志愿军排长张光成(一)
“排长,我们该出发了。”志愿军战士23岁的杨有德走到站在路边一处土堆上的中国人民志愿军的排长,26岁的张光成的身旁。这时,志愿军排长张光成双手叉在他紧系着宽皮带的腰间上,在看着侧边(北边)不远,不太高的褐灰色山脚下,略接近他身边土路的一横片微斜褐绿色的矮坡坎上,有几间朝鲜平民的茅草房。他们房子门边地坝生长着一两颗不高的树子,相挨着。

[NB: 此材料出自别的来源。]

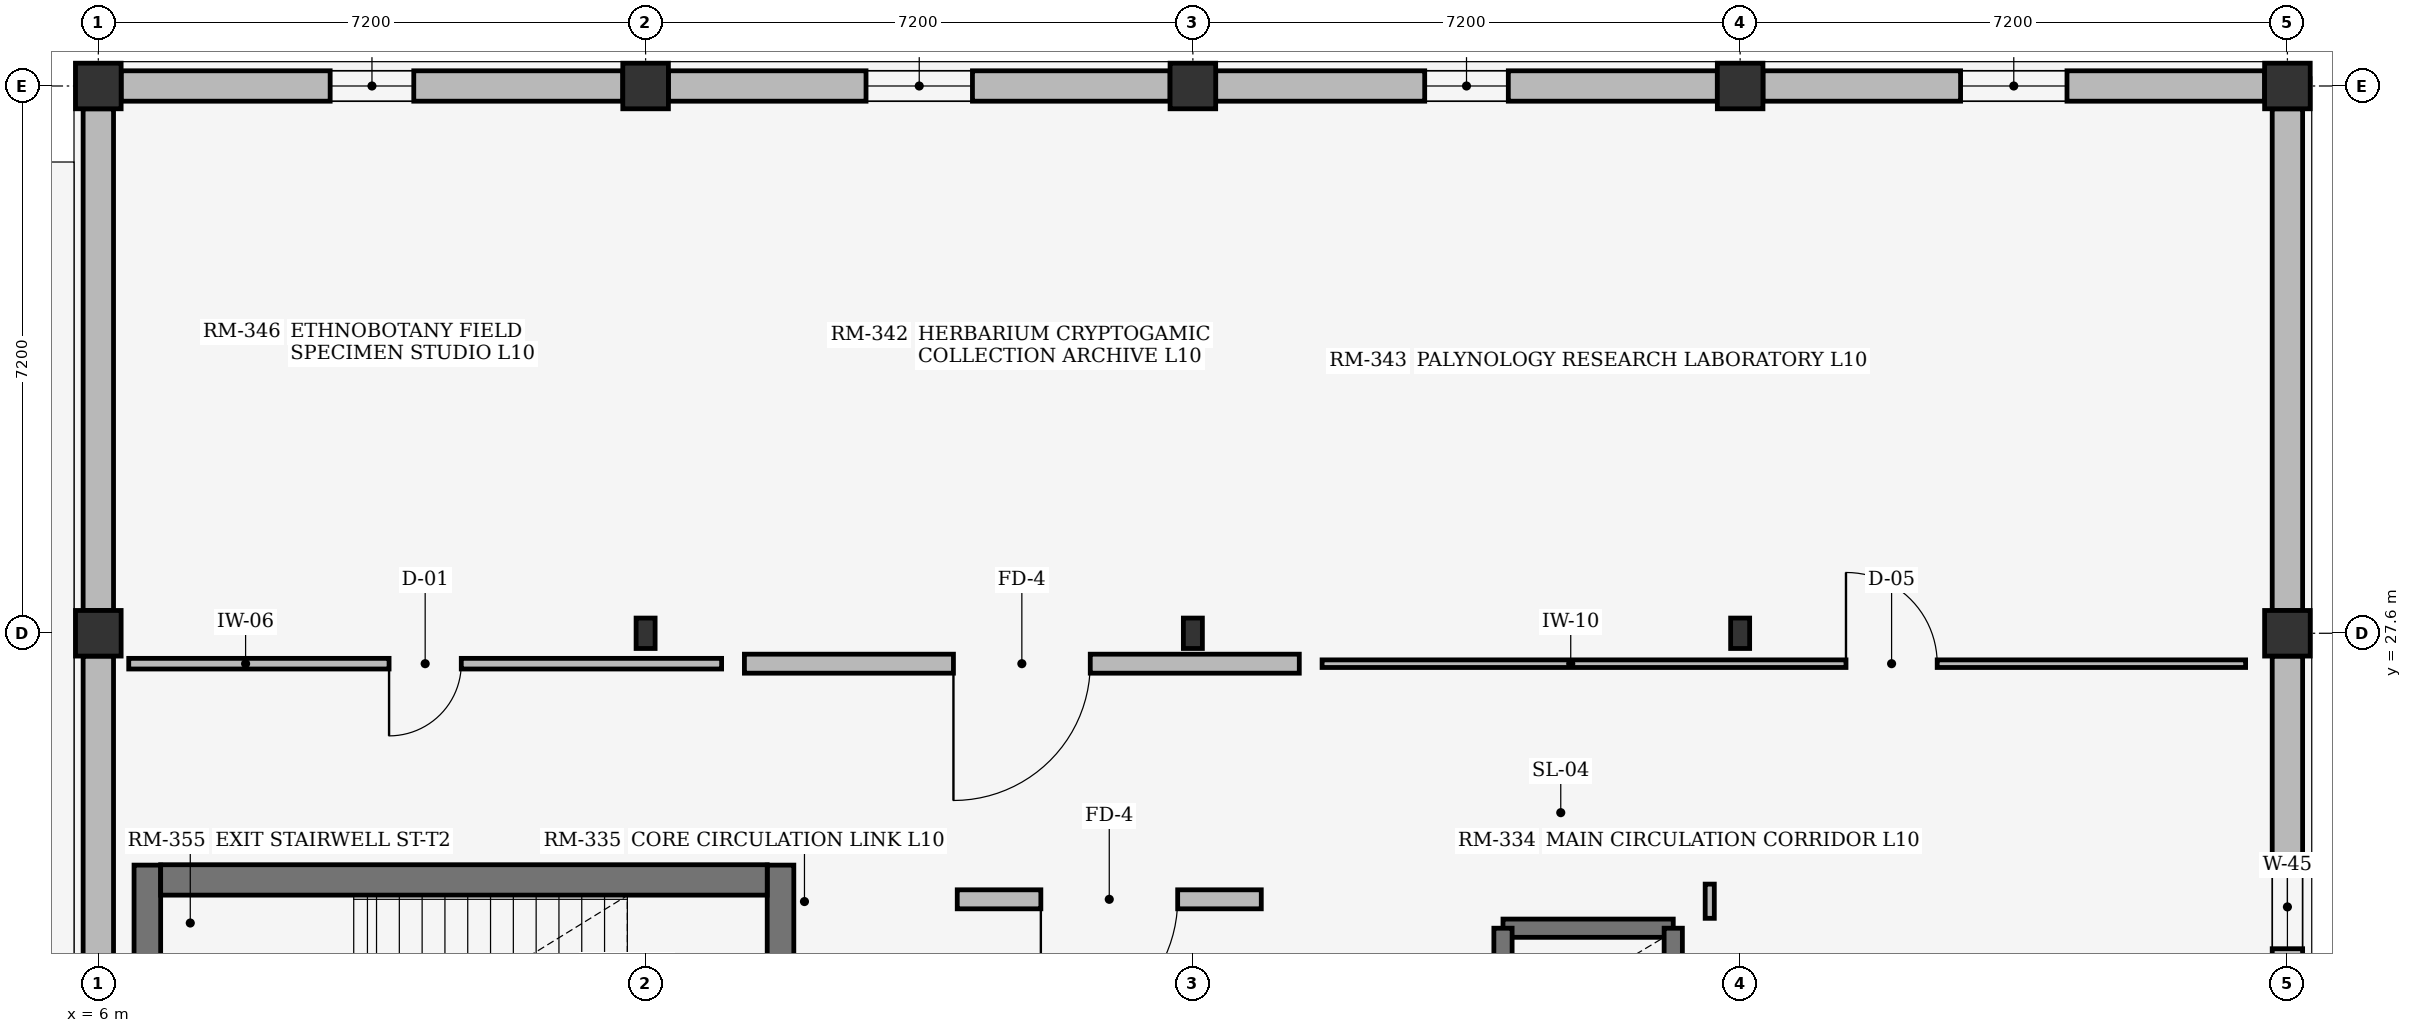
"""IFC4 building model, lengths in metres.
Left out: names, types, materials, properties, quantities, classifications, styles, units other than length and angle.
Written with IfcOpenShell. Run it as: python <this file> out.ifc"""

import sys

from ifc_helpers import new_model, si_unit, direction, frame, frame_2d, origin, origin_2d, place, context, subcontext, project, spatial, rectangle, i_section, extrude, element, fill, save


model = new_model("IFC4")
c1 = context("Model", 3, precision=1e-05, world=origin(), true_north=direction((0.0, 1.0)))
c2 = subcontext(c1, "Body", "Model", "MODEL_VIEW")
j1 = project(units=[si_unit("LENGTHUNIT", "METRE"), si_unit("PLANEANGLEUNIT", "RADIAN")], contexts=[c1])
p1 = place(None, origin())
s1 = spatial("IfcSite", under=j1, at=p1, CompositionType="ELEMENT")
p2 = place(p1, origin())
s2 = spatial("IfcBuilding", under=s1, at=p2, CompositionType="ELEMENT")
p3 = place(p2, frame((0.0, 0.0, 40.5)))
s3 = spatial("IfcBuildingStorey", under=s2, at=p3, CompositionType="ELEMENT", Elevation=40.5)
for number, where, z_axis, x_axis in (
    (1, (6.0, 27.6, 0.0), (0.0, 0.0, 1.0), (1.0, 0.0, 0.0)),
    (2, (6.0, 34.8, 0.0), (0.0, 0.0, 1.0), (1.0, 0.0, 0.0)),
):
    element("IfcColumn", number, at=place(p3, frame(where, z_axis=z_axis, x_axis=x_axis)), inside=s3, PredefinedType="COLUMN", context=c2, shape_type="SweptSolid", body=[
        extrude(rectangle(XDim=0.6, YDim=0.6, at=origin_2d()), origin(), (0.0, 0.0, 1.0), 3.68),
    ])
p4 = place(p3, frame((13.2, 27.6, 0.0), z_axis=(0.0, 0.0, 1.0), x_axis=(1.0, 0.0, 0.0)))
e3 = element("IfcColumn", 3, at=p4, inside=s3, PredefinedType="COLUMN", context=c2, shape_type="SweptSolid", body=[
    extrude(i_section(OverallWidth=0.25, OverallDepth=0.4, WebThickness=0.01, FlangeThickness=0.013, at=origin_2d()), origin(), (0.0, 0.0, 1.0), 3.68),
])
p5 = place(p3, frame((13.2, 34.8, 0.0), z_axis=(0.0, 0.0, 1.0), x_axis=(1.0, 0.0, 0.0)))
e4 = element("IfcColumn", 4, at=p5, inside=s3, PredefinedType="COLUMN", context=c2, shape_type="SweptSolid", body=[
    extrude(rectangle(XDim=0.6, YDim=0.6, at=origin_2d()), origin(), (0.0, 0.0, 1.0), 3.68),
])
p6 = place(p3, frame((20.4, 27.6, 0.0), z_axis=(0.0, 0.0, 1.0), x_axis=(1.0, 0.0, 0.0)))
e5 = element("IfcColumn", 5, at=p6, inside=s3, PredefinedType="COLUMN", context=c2, shape_type="SweptSolid", body=[
    extrude(i_section(OverallWidth=0.25, OverallDepth=0.4, WebThickness=0.01, FlangeThickness=0.013, at=origin_2d()), origin(), (0.0, 0.0, 1.0), 3.68),
])
p7 = place(p3, frame((20.4, 34.8, 0.0), z_axis=(0.0, 0.0, 1.0), x_axis=(1.0, 0.0, 0.0)))
e6 = element("IfcColumn", 6, at=p7, inside=s3, PredefinedType="COLUMN", context=c2, shape_type="SweptSolid", body=[
    extrude(rectangle(XDim=0.6, YDim=0.6, at=origin_2d()), origin(), (0.0, 0.0, 1.0), 3.68),
])
p8 = place(p3, frame((27.6, 27.6, 0.0), z_axis=(0.0, 0.0, 1.0), x_axis=(1.0, 0.0, 0.0)))
e7 = element("IfcColumn", 7, at=p8, inside=s3, PredefinedType="COLUMN", context=c2, shape_type="SweptSolid", body=[
    extrude(i_section(OverallWidth=0.25, OverallDepth=0.4, WebThickness=0.01, FlangeThickness=0.013, at=origin_2d()), origin(), (0.0, 0.0, 1.0), 3.68),
])
for number, where, z_axis, x_axis in (
    (8, (27.6, 34.8, 0.0), (0.0, 0.0, 1.0), (1.0, 0.0, 0.0)),
    (9, (34.8, 27.6, 0.0), (0.0, 0.0, 1.0), (1.0, 0.0, 0.0)),
    (10, (34.8, 34.8, 0.0), (0.0, 0.0, 1.0), (1.0, 0.0, 0.0)),
):
    element("IfcColumn", number, at=place(p3, frame(where, z_axis=z_axis, x_axis=x_axis)), inside=s3, PredefinedType="COLUMN", context=c2, shape_type="SweptSolid", body=[
        extrude(rectangle(XDim=0.6, YDim=0.6, at=origin_2d()), origin(), (0.0, 0.0, 1.0), 3.68),
    ])
p9 = place(p3, frame((6.3, 34.8, 0.0), z_axis=(0.0, 0.0, 1.0), x_axis=(1.0, 0.0, 0.0)))
e11 = element("IfcWall", 11, at=p9, inside=s3, PredefinedType="STANDARD", context=c2, shape_type="SweptSolid", body=[
    extrude(rectangle(XDim=6.6, YDim=0.4, at=frame_2d((3.3, 0.0))), origin(), (0.0, 0.0, 1.0), 3.16),
])
p10 = place(p9, frame((2.75, 0.0, 0.75)))
e12 = element("IfcOpeningElement", 12, at=p10, cuts=e11, PredefinedType="OPENING", context=c2, shape_type="SweptSolid", body=[
    extrude(rectangle(XDim=1.1, YDim=1.25, at=frame_2d((0.55, 0.625))), frame((0.0, 0.21, 0.0), z_axis=(0.0, -1.0, 0.0), x_axis=(1.0, 0.0, 0.0)), (0.0, 0.0, 1.0), 0.42),
])
p11 = place(p3, frame((13.5, 34.8, 0.0), z_axis=(0.0, 0.0, 1.0), x_axis=(1.0, 0.0, 0.0)))
e13 = element("IfcWall", 13, at=p11, inside=s3, PredefinedType="STANDARD", context=c2, shape_type="SweptSolid", body=[
    extrude(rectangle(XDim=6.6, YDim=0.4, at=frame_2d((3.3, 0.0))), origin(), (0.0, 0.0, 1.0), 3.16),
])
p12 = place(p11, frame((2.6, 0.0, 0.75)))
e14 = element("IfcOpeningElement", 14, at=p12, cuts=e13, PredefinedType="OPENING", context=c2, shape_type="SweptSolid", body=[
    extrude(rectangle(XDim=1.4, YDim=1.25, at=frame_2d((0.7, 0.625))), frame((0.0, 0.21, 0.0), z_axis=(0.0, -1.0, 0.0), x_axis=(1.0, 0.0, 0.0)), (0.0, 0.0, 1.0), 0.42),
])
p13 = place(p3, frame((20.7, 34.8, 0.0), z_axis=(0.0, 0.0, 1.0), x_axis=(1.0, 0.0, 0.0)))
e15 = element("IfcWall", 15, at=p13, inside=s3, PredefinedType="STANDARD", context=c2, shape_type="SweptSolid", body=[
    extrude(rectangle(XDim=6.6, YDim=0.4, at=frame_2d((3.3, 0.0))), origin(), (0.0, 0.0, 1.0), 3.16),
])
p14 = place(p13, frame((2.75, 0.0, 0.75)))
e16 = element("IfcOpeningElement", 16, at=p14, cuts=e15, PredefinedType="OPENING", context=c2, shape_type="SweptSolid", body=[
    extrude(rectangle(XDim=1.1, YDim=1.25, at=frame_2d((0.55, 0.625))), frame((0.0, 0.21, 0.0), z_axis=(0.0, -1.0, 0.0), x_axis=(1.0, 0.0, 0.0)), (0.0, 0.0, 1.0), 0.42),
])
p15 = place(p3, frame((27.9, 34.8, 0.0), z_axis=(0.0, 0.0, 1.0), x_axis=(1.0, 0.0, 0.0)))
e17 = element("IfcWall", 17, at=p15, inside=s3, PredefinedType="STANDARD", context=c2, shape_type="SweptSolid", body=[
    extrude(rectangle(XDim=6.6, YDim=0.4, at=frame_2d((3.3, 0.0))), origin(), (0.0, 0.0, 1.0), 3.16),
])
p16 = place(p15, frame((2.6, 0.0, 0.75)))
e18 = element("IfcOpeningElement", 18, at=p16, cuts=e17, PredefinedType="OPENING", context=c2, shape_type="SweptSolid", body=[
    extrude(rectangle(XDim=1.4, YDim=1.25, at=frame_2d((0.7, 0.625))), frame((0.0, 0.21, 0.0), z_axis=(0.0, -1.0, 0.0), x_axis=(1.0, 0.0, 0.0)), (0.0, 0.0, 1.0), 0.42),
])
for number, where, z_axis, x_axis in (
    (19, (6.0, 20.7, 0.0), (0.0, 0.0, 1.0), (0.0, 1.0, 0.0)),
    (20, (6.0, 27.9, 0.0), (0.0, 0.0, 1.0), (0.0, 1.0, 0.0)),
):
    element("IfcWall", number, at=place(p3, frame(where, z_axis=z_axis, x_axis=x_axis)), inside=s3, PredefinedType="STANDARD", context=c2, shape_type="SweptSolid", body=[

而在他身边(南侧)的脚边,就是通向朝鲜江原道的一条干硬而灰褐色的小路。而他站在路边上,看着有些远的位于山脚边的土岗上,有几座朝鲜老乡已经变黑的吊在房檐下的一些参差不齐的谷草,陈旧的土墙和开着发黄门的地坝边上,生长着两颗枝叶蓬勃的小树。几座朝鲜的低矮的房子从这里看去,相邻其间。一条上坎的小道过了一间房子,从房子的土灰墙侧边往上的两座房子伸去。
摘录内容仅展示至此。